Google drive for storage

LastPass for passwords

Evernote for notes



Sent from my SM-G870W using Tapatalk


----------



## theotherone (Mar 30, 2019)

Seconding Evernote. I have really depended on it for the past three years. Had trouble searching with it though some weeks ago, and some rumor of it possibly going away not too long ago had me scrambling for an alternative, but it's still here.


----------



## buildercn (Aug 28, 2018)

I use onenote and swear by it - additionally any form of cloud file sharing with an app that allows you to pull up drawings (Box. DropBox, Egnyte).

Does the camera app count on Iphone? Haha


----------



## theotherone (Mar 30, 2019)

^ Well, technically it still is an app. And if you get a lot of use out of it...


----------



## Windycity (Oct 3, 2015)

My favorite used to be joist....but it sucks now since they change it and started charging a steep price to use all of the features that used to be free 


Sent from my iPhone using Tapatalk


----------



## 91782 (Sep 6, 2012)

buildercn said:


> I use onenote and swear by it - additionally any form of cloud file sharing with an app that allows you to pull up drawings (Box. DropBox, Egnyte).
> 
> *Does the camera app count on Iphone?* Haha


My digital camera with zoom lens, micro-card, data cable, etc, sits gathering dust on the counter since I committed to using the iPhone for all pics.

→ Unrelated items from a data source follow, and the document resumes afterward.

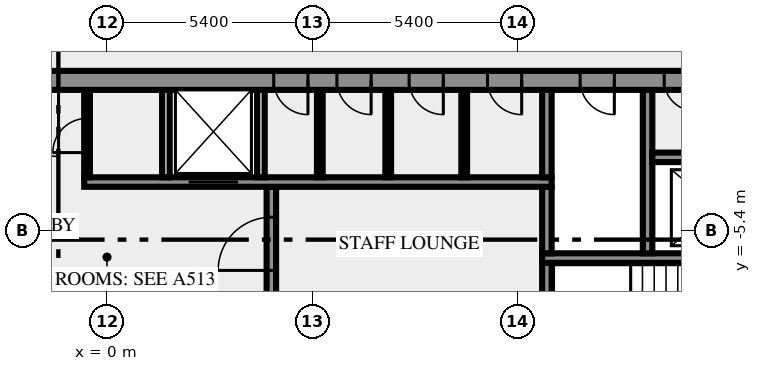
"""IFC4 building model, lengths in metres.
Left out: names, types, materials, properties, quantities, classifications, styles, units other than length and angle.
Written with IfcOpenShell. Run it as: python <this file> out.ifc"""

import sys

from ifc_helpers import new_model, si_unit, direction, frame, frame_2d, origin, place, context, subcontext, project, spatial, rectangle, extrude, element, fill, save


model = new_model("IFC4")
c1 = context("Model", 3, precision=1e-05, world=origin(), true_north=direction((0.0, 1.0)))
c2 = subcontext(c1, "Body", "Model", "MODEL_VIEW")
j1 = project(units=[si_unit("LENGTHUNIT", "METRE"), si_unit("PLANEANGLEUNIT", "RADIAN")], contexts=[c1])
p1 = place(None, origin())
s1 = spatial("IfcSite", under=j1, at=p1, CompositionType="ELEMENT")
p2 = place(p1, origin())
s2 = spatial("IfcBuilding", under=s1, at=p2, CompositionType="ELEMENT")
p3 = place(p2, frame((0.0, 0.0, 289.0)))
s3 = spatial("IfcBuildingStorey", under=s2, at=p3, CompositionType="ELEMENT", Elevation=289.0)
p4 = place(p3, frame((4.325, -7.25, 0.0), z_axis=(0.0, 0.0, 1.0), x_axis=(0.0, 1.0, 0.0)))
e1 = element("IfcWall", 1, at=p4, inside=s3, PredefinedType="SHEAR", context=c2, shape_type="SweptSolid", body=[
    extrude(rectangle(XDim=3.0, YDim=0.25, at=frame_2d((1.5, 0.0))), origin(), (0.0, 0.0, 1.0), 3.65),
])
p5 = place(p4, frame((0.8, 0.0, 0.0)))
e2 = element("IfcOpeningElement", 2, at=p5, cuts=e1, PredefinedType="OPENING", context=c2, shape_type="SweptSolid", body=[
    extrude(rectangle(XDim=1.4, YDim=2.1, at=frame_2d((0.7, 1.05))), frame((0.0, 0.135, 0.0), z_axis=(0.0, -1.0, 0.0), x_axis=(1.0, 0.0, 0.0)), (0.0, 0.0, 1.0), 0.27),
])
p6 = place(p3, frame((11.575, -7.25, 0.0), z_axis=(0.0, 0.0, 1.0), x_axis=(0.0, 1.0, 0.0)))
e3 = element("IfcWall", 3, at=p6, inside=s3, PredefinedType="SHEAR", context=c2, shape_type="SweptSolid", body=[
    extrude(rectangle(XDim=1.0, YDim=0.25, at=frame_2d((0.5, 0.0))), origin(), (0.0, 0.0, 1.0), 3.65),
])
p7 = place(p3, frame((19.5, -6.125, 0.0), z_axis=(0.0, 0.0, 1.0), x_axis=(-1.0, 0.0, 0.0)))
e4 = element("IfcWall", 4, at=p7, inside=s3, PredefinedType="SHEAR", context=c2, shape_type="SweptSolid", body=[
    extrude(rectangle(XDim=8.05, YDim=0.25, at=frame_2d((4.025, 0.0))), origin(), (0.0, 0.0, 1.0), 3.65),
])
p8 = place(p7, frame((0.05, 0.0, 0.0)))
e5 = element("IfcOpeningElement", 5, at=p8, cuts=e4, PredefinedType="OPENING", context=c2, shape_type="SweptSolid", body=[
    extrude(rectangle(XDim=1.8, YDim=2.1, at=frame_2d((0.9, 1.05))), frame((0.0, 0.135, 0.0), z_axis=(0.0, -1.0, 0.0), x_axis=(1.0, 0.0, 0.0)), (0.0, 0.0, 1.0), 0.27),
])
p9 = place(p3, frame((11.575, -6.0, 0.0), z_axis=(0.0, 0.0, 1.0), x_axis=(0.0, 1.0, 0.0)))
e6 = element("IfcWall", 6, at=p9, inside=s3, PredefinedType="SHEAR", context=c2, shape_type="SweptSolid", body=[
    extrude(rectangle(XDim=1.75, YDim=0.25, at=frame_2d((0.875, 0.0))), origin(), (0.0, 0.0, 1.0), 3.65),
])
p10 = place(p3, frame((14.225, -6.0, 0.0), z_axis=(0.0, 0.0, 1.0), x_axis=(0.0, 1.0, 0.0)))
e7 = element("IfcWall", 7, at=p10, inside=s3, PredefinedType="SHEAR", context=c2, shape_type="SweptSolid", body=[
    extrude(rectangle(XDim=4.3, YDim=0.25, at=frame_2d((2.15, 0.0))), origin(), (0.0, 0.0, 1.0), 3.65),
])
p11 = place(p3, frame((-0.6, -4.125, 0.0), z_axis=(0.0, 0.0, 1.0), x_axis=(1.0, 0.0, 0.0)))
e8 = element("IfcWall", 8, at=p11, inside=s3, PredefinedType="SHEAR", context=c2, shape_type="SweptSolid", body=[
    extrude(rectangle(XDim=12.3, YDim=0.25, at=frame_2d((6.15, 0.0))), origin(), (0.0, 0.0, 1.0), 3.65),
])
p12 = place(p11, frame((2.75, 0.0, 0.0)))
e9 = element("IfcOpeningElement", 9, at=p12, cuts=e8, PredefinedType="OPENING", context=c2, shape_type="SweptSolid", body=[
    extrude(rectangle(XDim=1.3, YDim=2.1, at=frame_2d((0.65, 1.05))), frame((0.0, 0.135, 0.0), z_axis=(0.0, -1.0, 0.0), x_axis=(1.0, 0.0, 0.0)), (0.0, 0.0, 1.0), 0.27),
])
p13 = place(p3, frame((-0.525, -4.0, 0.0), z_axis=(0.0, 0.0, 1.0), x_axis=(0.0, 1.0, 0.0)))
e10 = element("IfcWall", 10, at=p13, inside=s3, PredefinedType="PARTITIONING", context=c2, shape_type="SweptSolid", body=[
    extrude(rectangle(XDim=2.3, YDim=0.15, at=frame_2d((1.15, 0.0))), origin(), (0.0, 0.0, 1.0), 3.65),
])
p14 = place(p13, frame((0.65, 0.0, 0.0)))
e11 = element("IfcOpeningElement", 11, at=p14, cuts=e10, PredefinedType="OPENING", context=c2, shape_type="SweptSolid", body=[
    extrude(rectangle(XDim=0.9, YDim=2.1, at=frame_2d((0.45, 1.05))), frame((0.0, 0.085, 0.0), z_axis=(0.0, -1.0, 0.0), x_axis=(1.0, 0.0, 0.0)), (0.0, 0.0, 1.0), 0.17),
])
for number, where, z_axis, x_axis in (
    (12, (1.55, -4.0, 0.0), (0.0, 0.0, 1.0), (0.0, 1.0, 0.0)),
    (13, (4.05, -4.0, 0.0), (0.0, 0.0, 1.0), (0.0, 1.0, 0.0)),
):
    element("IfcWall", number, at=place(p3, frame(where, z_axis=z_axis, x_axis=x_axis)), inside=s3, PredefinedType="SOLIDWALL", context=c2, shape_type="SweptSolid", body=[
        extrude(rectangle(XDim=2.3, YDim=0.2, at=frame_2d((1.15, 0.0))), origin(), (0.0, 0.0, 1.0), 3.65),
    ])
for number, where, z_axis, x_axis in (
    (14, (5.6, -4.0, 0.0), (0.0, 0.0, 1.0), (0.0, 1.0, 0.0)),
    (15, (7.4, -4.0, 0.0), (0.0, 0.0, 1.0), (0.0, 1.0, 0.0)),
    (16, (9.4, -4.0, 0.0), (0.0, 0.0, 1.0), (0.0, 1.0, 0.0)),
):
    element("IfcWall", number, at=place(p3, frame(where, z_axis=z_axis, x_axis=x_axis)), inside=s3, PredefinedType="PARTITIONING", context=c2, shape_type="SweptSolid", body=[
        extrude(rectangle(XDim=2.3, YDim=0.15, at=frame_2d((1.15, 0.0))), origin(), (0.0, 0.0, 1.0), 3.65),
    ])
p15 = place(p3, frame((11.575, -4.0, 0.0), z_axis=(0.0, 0.0, 1.0), x_axis=(0.0, 1.0, 0.0)))
e17 = element("IfcWall", 17, at=p15, inside=s3, PredefinedType="SHEAR", context=c2, shape_type="SweptSolid", body=[
    extrude(rectangle(XDim=2.3, YDim=0.25, at=frame_2d((1.15, 0.0))), origin(), (0.0, 0.0, 1.0), 3.65),
])
p16 = place(p3, frame((14.35, -3.475, 0.0), z_axis=(0.0, 0.0, 1.0), x_axis=(1.0, 0.0, 0.0)))
e18 = element("IfcWall", 18, at=p16, inside=s3, PredefinedType="SHEAR", context=c2, shape_type="SweptSolid", body=[
    extrude(rectangle(XDim=3.0, YDim=0.25, at=frame_2d((1.5, 0.0))), origin(), (0.0, 0.0, 1.0), 3.65),
])
p17 = place(p3, frame((20.49, -1.45, 0.0), z_axis=(0.0, 0.0, 1.0), x_axis=(-1.0, 0.0, 0.0)))
e19 = element("IfcWall", 19, at=p17, inside=s3, PredefinedType="SHEAR", context=c2, shape_type="SweptSolid", body=[
    extrude(rectangle(XDim=40.98, YDim=0.5, at=frame_2d((20.49, 0.0))), origin(), (0.0, 0.0, 1.0), 3.65),
])
p18 = place(p17, frame((38.14, 0.0, 0.0)))
e20 = element("IfcOpeningElement", 20, at=p18, cuts=e19, PredefinedType="OPENING", context=c2, shape_type="SweptSolid", body=[
    extrude(rectangle(XDim=1.8, YDim=2.1, at=frame_2d((0.9, 1.05))), frame((0.0, 0.26, 0.0), z_axis=(0.0, -1.0, 0.0), x_axis=(1.0, 0.0, 0.0)), (0.0, 0.0, 1.0), 0.52),
])
p19 = place(p17, frame((35.89, 0.0, 0.0)))
e21 = element("IfcOpeningElement", 21, at=p19, cuts=e19, PredefinedType="OPENING", context=c2, shape_type="SweptSolid", body=[
    extrude(rectangle(XDim=0.9, YDim=2.1, at=frame_2d((0.45, 1.05))), frame((0.0, 0.26, 0.0), z_axis=(0.0, -1.0, 0.0), x_axis=(1.0, 0.0, 0.0)), (0.0, 0.0, 1.0), 0.52),
])
p20 = place(p17, frame((32.94, 0.0, 0.0)))
e22 = element("IfcOpeningElement", 22, at=p20, cuts=e19, PredefinedType="OPENING", context=c2, shape_type="SweptSolid", body=[
    extrude(rectangle(XDim=0.9, YDim=2.1, at=frame_2d((0.45, 1.05))), frame((0.0, 0.26, 0.0), z_axis=(0.0, -1.0, 0.0), x_axis=(1.0, 0.0, 0.0)), (0.0, 0.0, 1.0), 0.52),
])
p21 = place(p17, frame((31.015, 0.0, 0.0)))
e23 = element("IfcOpeningElement", 23, at=p21, cuts=e19, PredefinedType="OPENING", context=c2, shape_type="SweptSolid", body=[
    extrude(rectangle(XDim=0.8, YDim=2.1, at=frame_2d((0.4, 1.05))), frame((0.0, 0.26, 0.0), z_axis=(0.0, -1.0, 0.0), x_axis=(1.0, 0.0, 0.0)), (0.0, 0.0, 1.0), 0.52),
])
p22 = place(p17, frame((24.765, 0.0, 0.0)))
e24 = element("IfcOpeningElement", 24, at=p22, cuts=e19, PredefinedType="OPENING", context=c2, shape_type="SweptSolid", body=[
    extrude(rectangle(XDim=0.8, YDim=2.1, at=frame_2d((0.4, 1.05))), frame((0.0, 0.26, 0.0), z_axis=(0.0, -1.0, 0.0), x_axis=(1.0, 0.0, 0.0)), (0.0, 0.0, 1.0), 0.52),
])
p23 = place(p17, frame((21.765, 0.0, 0.0)))
e25 = element("IfcOpeningElement", 25, at=p23, cuts=e19, PredefinedType="OPENING", context=c2, shape_type="SweptSolid", body=[
    extrude(rectangle(XDim=2.0, YDim=2.1, at=frame_2d((1.0, 1.05))), frame((0.0, 0.26, 0.0), z_axis=(0.0, -1.0, 0.0), x_axis=(1.0, 0.0, 0.0)), (0.0, 0.0, 1.0), 0.52),
])
p24 = place(p17, frame((15.202, 0.0, 0.0)))
e26 = element("IfcOpeningElement", 26, at=p24, cuts=e19, PredefinedType="OPENING", context=c2, shape_type="SweptSolid", body=[
    extrude(rectangle(XDim=0.9, YDim=2.1, at=frame_2d((0.45, 1.05))), frame((0.0, 0.26, 0.0), z_axis=(0.0, -1.0, 0.0), x_axis=(1.0, 0.0, 0.0)), (0.0, 0.0, 1.0), 0.52),
])
p25 = place(p17, frame((13.54, 0.0, 0.0)))
e27 = element("IfcOpeningElement", 27, at=p25, cuts=e19, PredefinedType="OPENING", context=c2, shape_type="SweptSolid", body=[
    extrude(rectangle(XDim=0.9, YDim=2.1, at=frame_2d((0.45, 1.05))), frame((0.0, 0.26, 0.0), z_axis=(0.0, -1.0, 0.0), x_axis=(1.0, 0.0, 0.0)), (0.0, 0.0, 1.0), 0.52),
])
p26 = place(p17, frame((11.64, 0.0, 0.0)))
e28 = element("IfcOpeningElement", 28, at=p26, cuts=e19, PredefinedType="OPENING", context=c2, shape_type="SweptSolid", body=[
    extrude(rectangle(XDim=0.9, YDim=2.1, at=frame_2d((0.45, 1.05))), frame((0.0, 0.26, 0.0), z_axis=(0.0, -1.0, 0.0), x_axis=(1.0, 0.0, 0.0)), (0.0, 0.0, 1.0), 0.52),
])
p27 = place(p17, frame((9.577, 0.0, 0.0)))
e29 = element("IfcOpeningElement", 29, at=p27, cuts=e19, PredefinedType="OPENING", context=c2, shape_type="SweptSolid", body=[
    extrude(rectangle(XDim=0.9, YDim=2.1, at=frame_2d((0.45, 1.05))), frame((0.0, 0.26, 0.0), z_axis=(0.0, -1.0, 0.0), x_axis=(1.0, 0.0, 0.0)), (0.0, 0.0, 1.0), 0.52),
])
p28 = place(p17, frame((7.14, 0.0, 0.0)))
e30 = element("IfcOpeningElement", 30, at=p28, cuts=e19, PredefinedType="OPENING", context=c2, shape_type="SweptSolid", body=[
    extrude(rectangle(XDim=0.9, YDim=2.1, at=frame_2d((0.45, 1.05))), frame((0.0, 0.26, 0.0), z_axis=(0.0, -1.0, 0.0), x_axis=(1.0, 0.0, 0.0)), (0.0, 0.0, 1.0), 0.52),
])
p29 = place(p17, frame((5.028, 0.0, 0.0)))
e31 = element("IfcOpeningElement", 31, at=p29, cuts=e19, PredefinedType="OPENING", context=c2, shape_type="SweptSolid", body=[
    extrude(rectangle(XDim=0.8, YDim=2.1, at=frame_2d((0.4, 1.05))), frame((0.0, 0.26, 0.0), z_axis=(0.0, -1.0, 0.0), x_axis=(1.0, 0.0, 0.0)), (0.0, 0.0, 1.0), 0.52),
])
p30 = place(p17, frame((3.452, 0.0, 0.0)))
e32 = element("IfcOpeningElement", 32, at=p30, cuts=e19, PredefinedType="OPENING", context=c2, shape_type="SweptSolid", body=[
    extrude(rectangle(XDim=0.8, YDim=2.1, at=frame_2d((0.4, 1.05))), frame((0.0, 0.26, 0.0), z_axis=(0.0, -1.0, 0.0), x_axis=(1.0, 0.0, 0.0)), (0.0, 0.0, 1.0), 0.52),
])
p31 = place(p17, frame((1.04, 0.0, 0.0)))
e33 = element("IfcOpeningElement", 33, at=p31, cuts=e19, PredefinedType="OPENING", context=c2, shape_type="SweptSolid", body=[
    extrude(rectangle(XDim=1.8, YDim=2.1, at=frame_2d((0.9, 1.05))), frame((0.0, 0.26, 0.0), z_axis=(0.0, -1.0, 0.0), x_axis=(1.0, 0.0, 0.0)), (0.0, 0.0, 1.0), 0.52),
])
p32 = place(p5, origin())
e34 = element("IfcDoor", 34, at=p32, inside=s3, OperationType="DOUBLE_DOOR_SINGLE_SWING", PredefinedType="DOOR", context=c2, shape_type="SweptSolid", body=[
    extrude(rectangle(XDim=1.4, YDim=2.1, at=frame_2d((0.7, 1.05))), frame((0.0, 0.025, 0.0), z_axis=(0.0, -1.0, 0.0), x_axis=(1.0, 0.0, 0.0)), (0.0, 0.0, 1.0), 0.05),
])
fill(e2, e34)
p33 = place(p12, origin())
e35 = element("IfcDoor", 35, at=p33, inside=s3, OperationType="DOUBLE_DOOR_SLIDING", PredefinedType="DOOR", context=c2, shape_type="SweptSolid", body=[
    extrude(rectangle(XDim=1.3, YDim=2.1, at=frame_2d((0.65, 1.05))), frame((0.0, 0.025, 0.0), z_axis=(0.0, -1.0, 0.0), x_axis=(1.0, 0.0, 0.0)), (0.0, 0.0, 1.0), 0.05),
])
fill(e9, e35)
p34 = place(p14, origin())
e36 = element("IfcDoor", 36, at=p34, inside=s3, OperationType="SINGLE_SWING_LEFT", PredefinedType="DOOR", context=c2, shape_type="SweptSolid", body=[
    extrude(rectangle(XDim=0.9, YDim=2.1, at=frame_2d((0.45, 1.05))), frame((0.0, 0.025, 0.0), z_axis=(0.0, -1.0, 0.0), x_axis=(1.0, 0.0, 0.0)), (0.0, 0.0, 1.0), 0.05),
])
fill(e11, e36)
p35 = place(p23, origin())
e37 = element("IfcDoor", 37, at=p35, inside=s3, OperationType="DOUBLE_DOOR_SINGLE_SWING", PredefinedType="DOOR", context=c2, shape_type="SweptSolid", body=[
    extrude(rectangle(XDim=2.0, YDim=2.1, at=frame_2d((1.0, 1.05))), frame((0.0, 0.025, 0.0), z_axis=(0.0, -1.0, 0.0), x_axis=(1.0, 0.0, 0.0)), (0.0, 0.0, 1.0), 0.05),
])
fill(e25, e37)
p36 = place(p24, origin())
e38 = element("IfcDoor", 38, at=p36, inside=s3, OperationType="SINGLE_SWING_LEFT", PredefinedType="DOOR", context=c2, shape_type="SweptSolid", body=[
    extrude(rectangle(XDim=0.9, YDim=2.1, at=frame_2d((0.45, 1.05))), frame((0.0, 0.025, 0.0), z_axis=(0.0, -1.0, 0.0), x_axis=(1.0, 0.0, 0.0)), (0.0, 0.0, 1.0), 0.05),
])
fill(e26, e38)
p37 = place(p25, origin())
e39 = element("IfcDoor", 39, at=p37, inside=s3, OperationType="SINGLE_SWING_LEFT", PredefinedType="DOOR", context=c2, shape_type="SweptSolid", body=[
    extrude(rectangle(XDim=0.9, YDim=2.1, at=frame_2d((0.45, 1.05))), frame((0.0, 0.025, 0.0), z_axis=(0.0, -1.0, 0.0), x_axis=(1.0, 0.0, 0.0)), (0.0, 0.0, 1.0), 0.05),
])
fill(e27, e39)
p38 = place(p26, origin())
e40 = element("IfcDoor", 40, at=p38, inside=s3, OperationType="SINGLE_SWING_LEFT", PredefinedType="DOOR", context=c2, shape_type="SweptSolid", body=[
    extrude(rectangle(XDim=0.9, YDim=2.1, at=frame_2d((0.45, 1.05))), frame((0.0, 0.025, 0.0), z_axis=(0.0, -1.0, 0.0), x_axis=(1.0, 0.0, 0.0)), (0.0, 0.0, 1.0), 0.05),
])
fill(e28, e40)
p39 = place(p27, origin())
e41 = element("IfcDoor", 41, at=p39, inside=s3, OperationType="SINGLE_SWING_LEFT", PredefinedType="DOOR", context=c2, shape_type="SweptSolid", body=[
    extrude(rectangle(XDim=0.9, YDim=2.1, at=frame_2d((0.45, 1.05))), frame((0.0, 0.025, 0.0), z_axis=(0.0, -1.0, 0.0), x_axis=(1.0, 0.0, 0.0)), (0.0, 0.0, 1.0), 0.05),
])
fill(e29, e41)
p40 = place(p28, origin())
e42 = element("IfcDoor", 42, at=p40, inside=s3, OperationType="SINGLE_SWING_LEFT", PredefinedType="DOOR", context=c2, shape_type="SweptSolid", body=[
    extrude(rectangle(XDim=0.9, YDim=2.1, at=frame_2d((0.45, 1.05))), frame((0.0, 0.025, 0.0), z_axis=(0.0, -1.0, 0.0), x_axis=(1.0, 0.0, 0.0)), (0.0, 0.0, 1.0), 0.05),
])
fill(e30, e42)
p41 = place(p29, origin())
e43 = element("IfcDoor", 43, at=p41, inside=s3, OperationType="SINGLE_SWING_LEFT", PredefinedType="DOOR", context=c2, shape_type="SweptSolid", body=[
    extrude(rectangle(XDim=0.8, YDim=2.1, at=frame_2d((0.4, 1.05))), frame((0.0, 0.025, 0.0), z_axis=(0.0, -1.0, 0.0), x_axis=(1.0, 0.0, 0.0)), (0.0, 0.0, 1.0), 0.05),
])
fill(e31, e43)
save(model, sys.argv[1])

And btw, the iPhone takes higher rez photos. How, I don't know, but the difference is outstanding.


----------



## theotherone (Mar 30, 2019)

SmallTownGuy said:


> My digital camera with zoom lens, micro-card, data cable, etc, sits gathering dust on the counter since I committed to using the iPhone for all pics.
> 
> And btw, the iPhone takes higher rez photos. How, I don't know, but the difference is outstanding.


Must be a point and shoot camera? If it was released some years ago, then it had better resolution than phone cameras of its time. Our old camera has been eclipsed by our phones too, although we keep a DSLR which still has better specs in the house.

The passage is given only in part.